Cat-A-Strophic is an 3D indie arcade game with roguelike elements and physics based city destruction. You play as a colossal Kaiju cat who's kittens have been stolen by an evil organisation. The objective is to rescue your kittens getting more and more powerful as you do. Using your new powers to defeat numerous enemies and even deadly bosses and destroying everything in your path. Rampaging through the city completing objectives and causing as much mayhem as possible!

This game includes:

Project Contribution

2024 - 2025
Graduate Programmer -> Programmer -> Lead Programmer

Bio

I joined Purr Point Productions as a graduate in 2024, my knowledge of C++ was fairly fresh and I did not know the depths of Unreal Engine and was lacking quite a lot of mathmatical knowledge and debugging skills. Under the tutorship of my Lead Programmer and mentor. I swiftly learned various techniques to allow me to truly be an important asset to the team.

I started using jetbrains rider as my personal and professional IDE from this point and with it came a lot of fun things such as being able to smoothly control git from it, aswell as offering a nice selection of easily customisable shortcuts, hotkeys and of course looking so good. I begun the project by doing small things such as transitioning code from blueprints to C++ or doing some work on UI systems and abilities.

After a while my first main task was developing the first boss. A large blimp that uses a variety of attacks to stop the player. Including Miniguns, rockets, a giant laser and later down the line I would incorparate a close range shock ability. At first it was messy and with the help of the Lead Programmer it was cleaned up quite fast and has since become my most proudest work on the project. After this, the boss was implemented into the demo and shown off at various events such as EGX, guildford games, and a few others, recieving quite positive reactions and it did seem that it was a good level of challenging at the time without being too overpowered.

For a while, I had worked on a wide variety of the systems in the project, from developing a new options menu, to working across the board on a large variety of the players abilities. I grew quite comfortable with Unreal Engine and learned quite a lot of functionality that the engine provides. We eventually took part in the DunDev programme, which meant the team spent one month in Scotland Dundee working in an office together to continue to develop the game and attempt to secure funding for the project. This was successful as we were successful and did recieve government funding for the project! That month was a highlight of my time at Purr Point as it was such an experience to be in a profressional enviroment working together to a common goal as opposed to working from home.

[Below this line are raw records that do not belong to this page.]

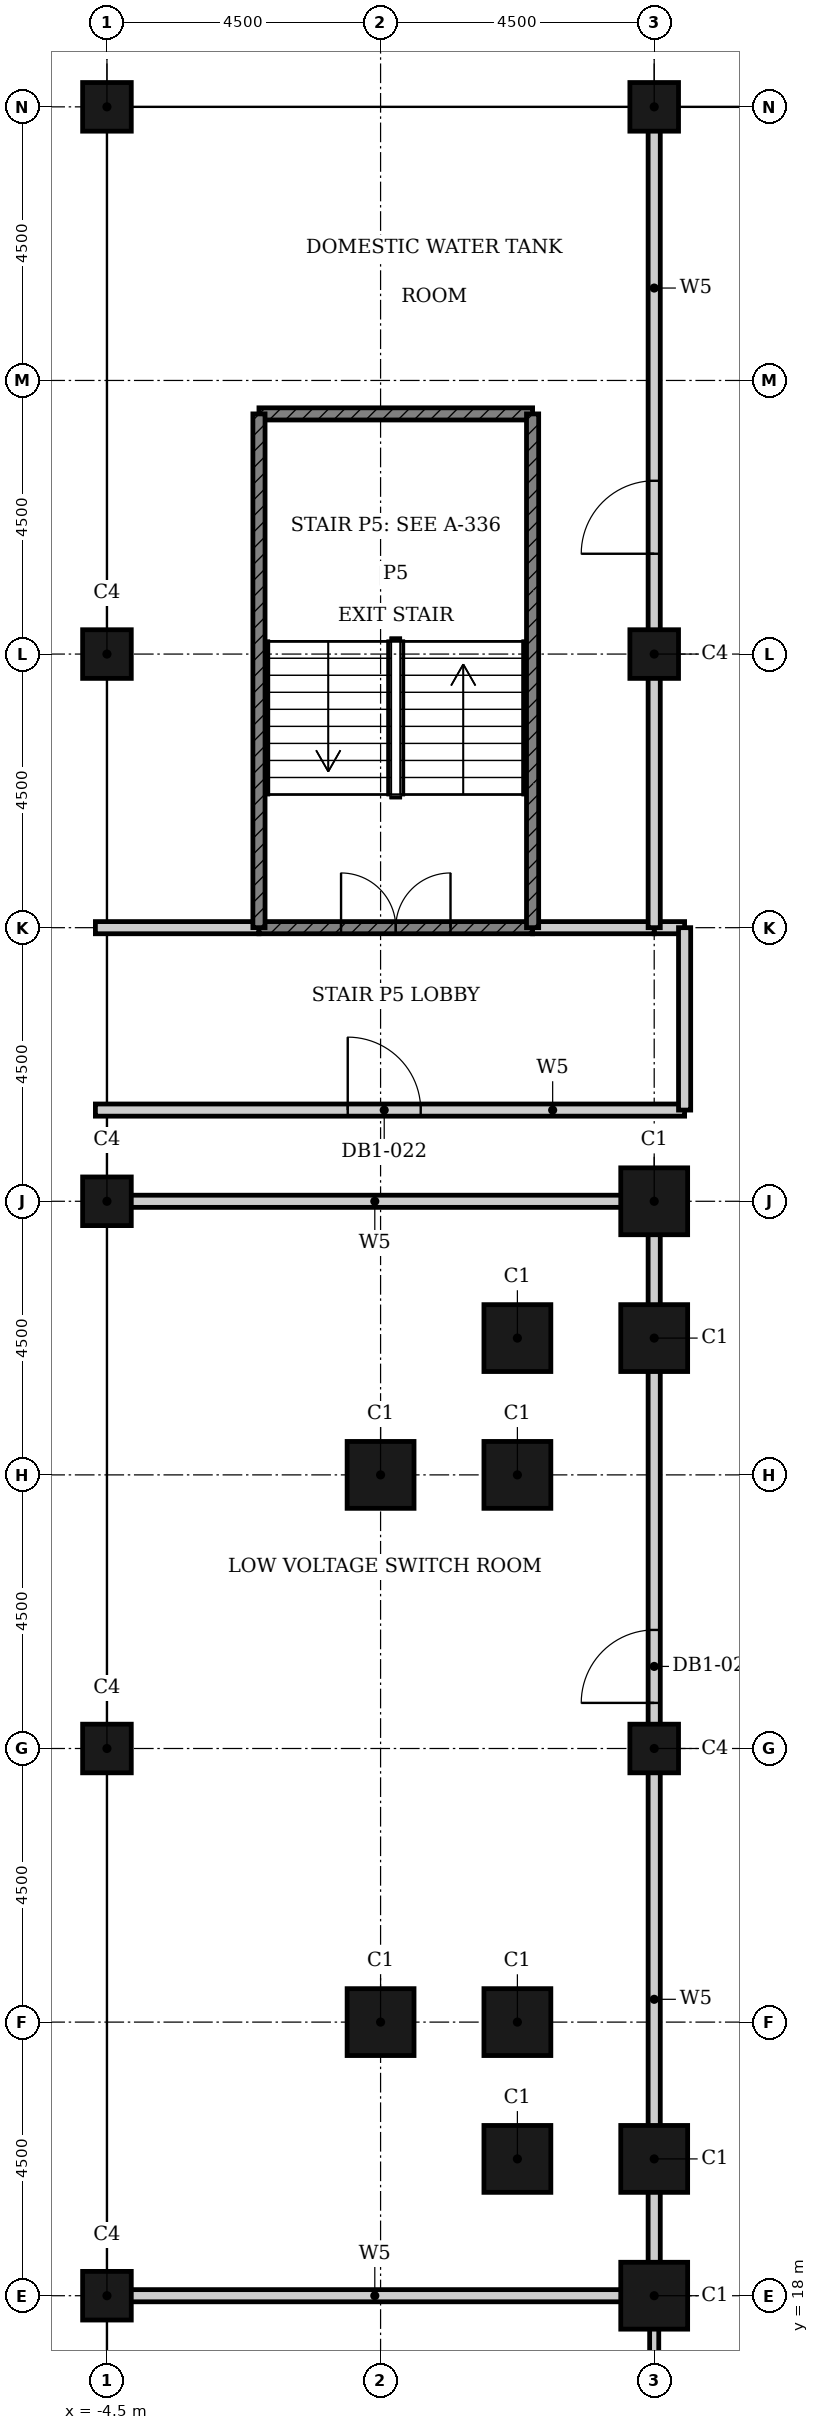
"""IFC4 building model, lengths in metres.
Left out: names, types, materials, properties, quantities, classifications, styles, units other than length and angle.
Written with IfcOpenShell. Run it as: python <this file> out.ifc"""

import sys

from ifc_helpers import new_model, si_unit, direction, frame, frame_2d, origin, origin_2d, place, context, subcontext, project, spatial, rectangle, hollow_rectangle, extrude, element, fill, save


model = new_model("IFC4")
c1 = context("Model", 3, precision=1e-05, world=origin(), true_north=direction((0.0, 1.0)))
c2 = subcontext(c1, "Body", "Model", "MODEL_VIEW")
j1 = project(units=[si_unit("LENGTHUNIT", "METRE"), si_unit("PLANEANGLEUNIT", "RADIAN")], contexts=[c1])
p1 = place(None, origin())
s1 = spatial("IfcSite", under=j1, at=p1, CompositionType="ELEMENT")
p2 = place(p1, origin())
s2 = spatial("IfcBuilding", under=s1, at=p2, CompositionType="ELEMENT")
p3 = place(p2, frame((0.0, 0.0, -6.0)))
s3 = spatial("IfcBuildingStorey", under=s2, at=p3, CompositionType="ELEMENT", Elevation=-6.0)
for number, where, z_axis, x_axis in (
    (1, (4.5, 36.0, -0.5), (0.0, 0.0, 1.0), (1.0, 0.0, 0.0)),
    (2, (4.5, 33.75, -0.5), (0.0, 0.0, 1.0), (1.0, 0.0, 0.0)),
    (3, (2.25, 33.75, -0.5), (0.0, 0.0, 1.0), (1.0, 0.0, 0.0)),
    (4, (2.25, 31.5, -0.5), (0.0, 0.0, 1.0), (1.0, 0.0, 0.0)),
    (5, (0.0, 31.5, -0.5), (0.0, 0.0, 1.0), (1.0, 0.0, 0.0)),
    (6, (0.0, 22.5, -0.5), (0.0, 0.0, 1.0), (1.0, 0.0, 0.0)),
    (7, (2.25, 22.5, -0.5), (0.0, 0.0, 1.0), (1.0, 0.0, 0.0)),
    (8, (2.25, 20.25, -0.5), (0.0, 0.0, 1.0), (1.0, 0.0, 0.0)),
    (9, (4.5, 20.25, -0.5), (0.0, 0.0, 1.0), (1.0, 0.0, 0.0)),
    (10, (4.5, 18.0, -0.5), (0.0, 0.0, 1.0), (1.0, 0.0, 0.0)),
):
    element("IfcColumn", number, at=place(p3, frame(where, z_axis=z_axis, x_axis=x_axis)), inside=s3, PredefinedType="COLUMN", context=c2, shape_type="SweptSolid", body=[
        extrude(hollow_rectangle(XDim=1.1, YDim=1.1, WallThickness=0.036, at=origin_2d()), origin(), (0.0, 0.0, 1.0), 6.5),
    ])
for number, where, z_axis, x_axis in (
    (11, (-4.5, 18.0, -0.5), (0.0, 0.0, 1.0), (1.0, 0.0, 0.0)),
    (12, (-4.5, 27.0, -0.5), (0.0, 0.0, 1.0), (1.0, 0.0, 0.0)),
    (13, (-4.5, 36.0, -0.5), (0.0, 0.0, 1.0), (1.0, 0.0, 0.0)),
    (14, (-4.5, 45.0, -0.5), (0.0, 0.0, 1.0), (1.0, 0.0, 0.0)),
    (15, (-4.5, 54.0, -0.5), (0.0, 0.0, 1.0), (1.0, 0.0, 0.0)),
    (16, (4.5, 54.0, -0.5), (0.0, 0.0, 1.0), (1.0, 0.0, 0.0)),
    (17, (4.5, 27.0, -0.5), (0.0, 0.0, 1.0), (1.0, 0.0, 0.0)),
    (18, (4.5, 45.0, -0.5), (0.0, 0.0, 1.0), (1.0, 0.0, 0.0)),
):
    element("IfcColumn", number, at=place(p3, frame(where, z_axis=z_axis, x_axis=x_axis)), inside=s3, PredefinedType="COLUMN", context=c2, shape_type="SweptSolid", body=[
        extrude(hollow_rectangle(XDim=0.8, YDim=0.8, WallThickness=0.025, at=origin_2d()), origin(), (0.0, 0.0, 1.0), 6.5),
    ])
p4 = place(p3, frame((4.5, 9.0, 0.0), z_axis=(0.0, 0.0, 1.0), x_axis=(0.0, 1.0, 0.0)))
e19 = element("IfcWall", 19, at=p4, inside=s3, PredefinedType="PARTITIONING", context=c2, shape_type="SweptSolid", body=[
    extrude(rectangle(XDim=9.0, YDim=0.15, at=frame_2d((4.5, 0.0))), origin(), (0.0, 0.0, 1.0), 5.6),
])
p5 = place(p4, frame((4.05, 0.0, 0.0)))
e20 = element("IfcOpeningElement", 20, at=p5, cuts=e19, PredefinedType="OPENING", context=c2, shape_type="SweptSolid", body=[
    extrude(rectangle(XDim=0.9, YDim=2.1, at=frame_2d((0.45, 1.05))), frame((0.0, 0.085, 0.0), z_axis=(0.0, -1.0, 0.0), x_axis=(1.0, 0.0, 0.0)), (0.0, 0.0, 1.0), 0.17),
])
for number, where, z_axis, x_axis in (
    (21, (-4.69, 18.0, 0.0), (0.0, 0.0, 1.0), (1.0, 0.0, 0.0)),
    (22, (-4.69, 36.0, 0.0), (0.0, 0.0, 1.0), (1.0, 0.0, 0.0)),
):
    element("IfcWall", number, at=place(p3, frame(where, z_axis=z_axis, x_axis=x_axis)), inside=s3, PredefinedType="PARTITIONING", context=c2, shape_type="SweptSolid", body=[
        extrude(rectangle(XDim=9.19, YDim=0.2, at=frame_2d((4.595, 0.0))), origin(), (0.0, 0.0, 1.0), 5.6),
    ])
p6 = place(p3, frame((-4.69, 37.5, 0.0), z_axis=(0.0, 0.0, 1.0), x_axis=(1.0, 0.0, 0.0)))
e23 = element("IfcWall", 23, at=p6, inside=s3, PredefinedType="PARTITIONING", context=c2, shape_type="SweptSolid", body=[
    extrude(rectangle(XDim=9.69, YDim=0.2, at=frame_2d((4.845, 0.0))), origin(), (0.0, 0.0, 1.0), 5.6),
])
p7 = place(p6, frame((4.15, 0.0, 0.0)))
e24 = element("IfcOpeningElement", 24, at=p7, cuts=e23, PredefinedType="OPENING", context=c2, shape_type="SweptSolid", body=[
    extrude(rectangle(XDim=1.2, YDim=2.1, at=frame_2d((0.6, 1.05))), frame((0.0, 0.11, 0.0), z_axis=(0.0, -1.0, 0.0), x_axis=(1.0, 0.0, 0.0)), (0.0, 0.0, 1.0), 0.22),
])
p8 = place(p3, frame((4.5, 40.5, 0.0), z_axis=(0.0, 0.0, 1.0), x_axis=(1.0, 0.0, 0.0)))
e25 = element("IfcWall", 25, at=p8, inside=s3, PredefinedType="PARTITIONING", context=c2, shape_type="SweptSolid", body=[
    extrude(rectangle(XDim=0.5, YDim=0.2, at=frame_2d((0.25, 0.0))), origin(), (0.0, 0.0, 1.0), 5.6),
])
p9 = place(p3, frame((-4.69, 40.5, 0.0), z_axis=(0.0, 0.0, 1.0), x_axis=(1.0, 0.0, 0.0)))
e26 = element("IfcWall", 26, at=p9, inside=s3, PredefinedType="PARTITIONING", context=c2, shape_type="SweptSolid", body=[
    extrude(rectangle(XDim=2.69, YDim=0.2, at=frame_2d((1.345, 0.0))), origin(), (0.0, 0.0, 1.0), 5.6),
])
p10 = place(p3, frame((2.5, 40.5, 0.0), z_axis=(0.0, 0.0, 1.0), x_axis=(1.0, 0.0, 0.0)))
e27 = element("IfcWall", 27, at=p10, inside=s3, PredefinedType="PARTITIONING", context=c2, shape_type="SweptSolid", body=[
    extrude(rectangle(XDim=2.0, YDim=0.2, at=frame_2d((1.0, 0.0))), origin(), (0.0, 0.0, 1.0), 5.6),
])
p11 = place(p3, frame((4.5, 18.0, 0.0), z_axis=(0.0, 0.0, 1.0), x_axis=(0.0, 1.0, 0.0)))
e28 = element("IfcWall", 28, at=p11, inside=s3, PredefinedType="PARTITIONING", context=c2, shape_type="SweptSolid", body=[
    extrude(rectangle(XDim=18.0, YDim=0.2, at=frame_2d((9.0, 0.0))), origin(), (0.0, 0.0, 1.0), 5.6),
])
p12 = place(p11, frame((9.75, 0.0, 0.0)))
e29 = element("IfcOpeningElement", 29, at=p12, cuts=e28, PredefinedType="OPENING", context=c2, shape_type="SweptSolid", body=[
    extrude(rectangle(XDim=1.2, YDim=2.1, at=frame_2d((0.6, 1.05))), frame((0.0, 0.11, 0.0), z_axis=(0.0, -1.0, 0.0), x_axis=(1.0, 0.0, 0.0)), (0.0, 0.0, 1.0), 0.22),
])
p13 = place(p3, frame((4.5, 40.5, 0.0), z_axis=(0.0, 0.0, 1.0), x_axis=(0.0, 1.0, 0.0)))
e30 = element("IfcWall", 30, at=p13, inside=s3, PredefinedType="PARTITIONING", context=c2, shape_type="SweptSolid", body=[
    extrude(rectangle(XDim=13.69, YDim=0.2, at=frame_2d((6.845, 0.0))), origin(), (0.0, 0.0, 1.0), 5.6),
])
p14 = place(p13, frame((6.15, 0.0, 0.0)))
e31 = element("IfcOpeningElement", 31, at=p14, cuts=e30, PredefinedType="OPENING", context=c2, shape_type="SweptSolid", body=[
    extrude(rectangle(XDim=1.2, YDim=2.1, at=frame_2d((0.6, 1.05))), frame((0.0, 0.11, 0.0), z_axis=(0.0, -1.0, 0.0), x_axis=(1.0, 0.0, 0.0)), (0.0, 0.0, 1.0), 0.22),
])
p15 = place(p3, frame((5.0, 37.5, 0.0), z_axis=(0.0, 0.0, 1.0), x_axis=(0.0, 1.0, 0.0)))
e32 = element("IfcWall", 32, at=p15, inside=s3, PredefinedType="PARTITIONING", context=c2, shape_type="SweptSolid", body=[
    extrude(rectangle(XDim=3.0, YDim=0.2, at=frame_2d((1.5, 0.0))), origin(), (0.0, 0.0, 1.0), 5.6),
])
p16 = place(p3, frame((-2.0, 40.5, 0.0), z_axis=(0.0, 0.0, 1.0), x_axis=(1.0, 0.0, 0.0)))
e33 = element("IfcWall", 33, at=p16, inside=s3, PredefinedType="SHEAR", context=c2, shape_type="SweptSolid", body=[
    extrude(rectangle(XDim=4.5, YDim=0.2, at=frame_2d((2.25, 0.0))), origin(), (0.0, 0.0, 1.0), 5.6),
])
p17 = place(p16, frame((1.35, 0.0, 0.0)))
e34 = element("IfcOpeningElement", 34, at=p17, cuts=e33, PredefinedType="OPENING", context=c2, shape_type="SweptSolid", body=[
    extrude(rectangle(XDim=1.8, YDim=2.1, at=frame_2d((0.9, 1.05))), frame((0.0, 0.11, 0.0), z_axis=(0.0, -1.0, 0.0), x_axis=(1.0, 0.0, 0.0)), (0.0, 0.0, 1.0), 0.22),
])
p18 = place(p3, frame((-2.0, 48.95, 0.0), z_axis=(0.0, 0.0, 1.0), x_axis=(1.0, 0.0, 0.0)))
e35 = element("IfcWall", 35, at=p18, inside=s3, PredefinedType="SHEAR", context=c2, shape_type="SweptSolid", body=[
    extrude(rectangle(XDim=4.5, YDim=0.2, at=frame_2d((2.25, 0.0))), origin(), (0.0, 0.0, 1.0), 5.6),
])
for number, where, z_axis, x_axis in (
    (36, (-2.0, 40.5, 0.0), (0.0, 0.0, 1.0), (0.0, 1.0, 0.0)),
    (37, (2.5, 40.5, 0.0), (0.0, 0.0, 1.0), (0.0, 1.0, 0.0)),
):
    element("IfcWall", number, at=place(p3, frame(where, z_axis=z_axis, x_axis=x_axis)), inside=s3, PredefinedType="SHEAR", context=c2, shape_type="SweptSolid", body=[
        extrude(rectangle(XDim=8.45, YDim=0.2, at=frame_2d((4.225, 0.0))), origin(), (0.0, 0.0, 1.0), 5.6),
    ])
p19 = place(p7, origin())
e38 = element("IfcDoor", 38, at=p19, inside=s3, OperationType="SINGLE_SWING_RIGHT", PredefinedType="DOOR", context=c2, shape_type="SweptSolid", body=[
    extrude(rectangle(XDim=1.2, YDim=2.1, at=frame_2d((0.6, 1.05))), frame((0.0, 0.025, 0.0), z_axis=(0.0, -1.0, 0.0), x_axis=(1.0, 0.0, 0.0)), (0.0, 0.0, 1.0), 0.05),
])
fill(e24, e38)
p20 = place(p17, origin())
e39 = element("IfcDoor", 39, at=p20, inside=s3, OperationType="DOUBLE_DOOR_SINGLE_SWING", PredefinedType="DOOR", context=c2, shape_type="SweptSolid", body=[
    extrude(rectangle(XDim=1.8, YDim=2.1, at=frame_2d((0.9, 1.05))), frame((0.0, 0.025, 0.0), z_axis=(0.0, -1.0, 0.0), x_axis=(1.0, 0.0, 0.0)), (0.0, 0.0, 1.0), 0.05),
])
fill(e34, e39)
p21 = place(p12, origin())
e40 = element("IfcDoor", 40, at=p21, inside=s3, OperationType="SINGLE_SWING_RIGHT", PredefinedType="DOOR", context=c2, shape_type="SweptSolid", body=[
    extrude(rectangle(XDim=1.2, YDim=2.1, at=frame_2d((0.6, 1.05))), frame((0.0, 0.025, 0.0), z_axis=(0.0, -1.0, 0.0), x_axis=(1.0, 0.0, 0.0)), (0.0, 0.0, 1.0), 0.05),
])
fill(e29, e40)
p22 = place(p14, origin())
e41 = element("IfcDoor", 41, at=p22, inside=s3, OperationType="SINGLE_SWING_LEFT", PredefinedType="DOOR", context=c2, shape_type="SweptSolid", body=[
    extrude(rectangle(XDim=1.2, YDim=2.1, at=frame_2d((0.6, 1.05))), frame((0.0, 0.025, 0.0), z_axis=(0.0, -1.0, 0.0), x_axis=(1.0, 0.0, 0.0)), (0.0, 0.0, 1.0), 0.05),
])
fill(e31, e41)
save(model, sys.argv[1])

After some time had passed, I took over as the Lead Programmer for the project as the previous Lead had moved on. While I did not have the tremendous skillset they did, after some adjusting I found my own rythem and pace for development. It was now my role to spearhead the programming for the project, I did struggle at first, however this was the time when I begun to learn some of the more advanced things about Unreal Engine such as the asynchronous loading systems and the difference between soft and hard references for memory allocation. Unreal's profiler, how to analyse the CPU usage, fps patterns and more. Eventually when we took on a new programmer, I was responsible for teaching them Unreal Engine and delegating tasks. I found myself becoming quite confident in my skills. Working closely with the designers, artists, and producer I could help take the project further.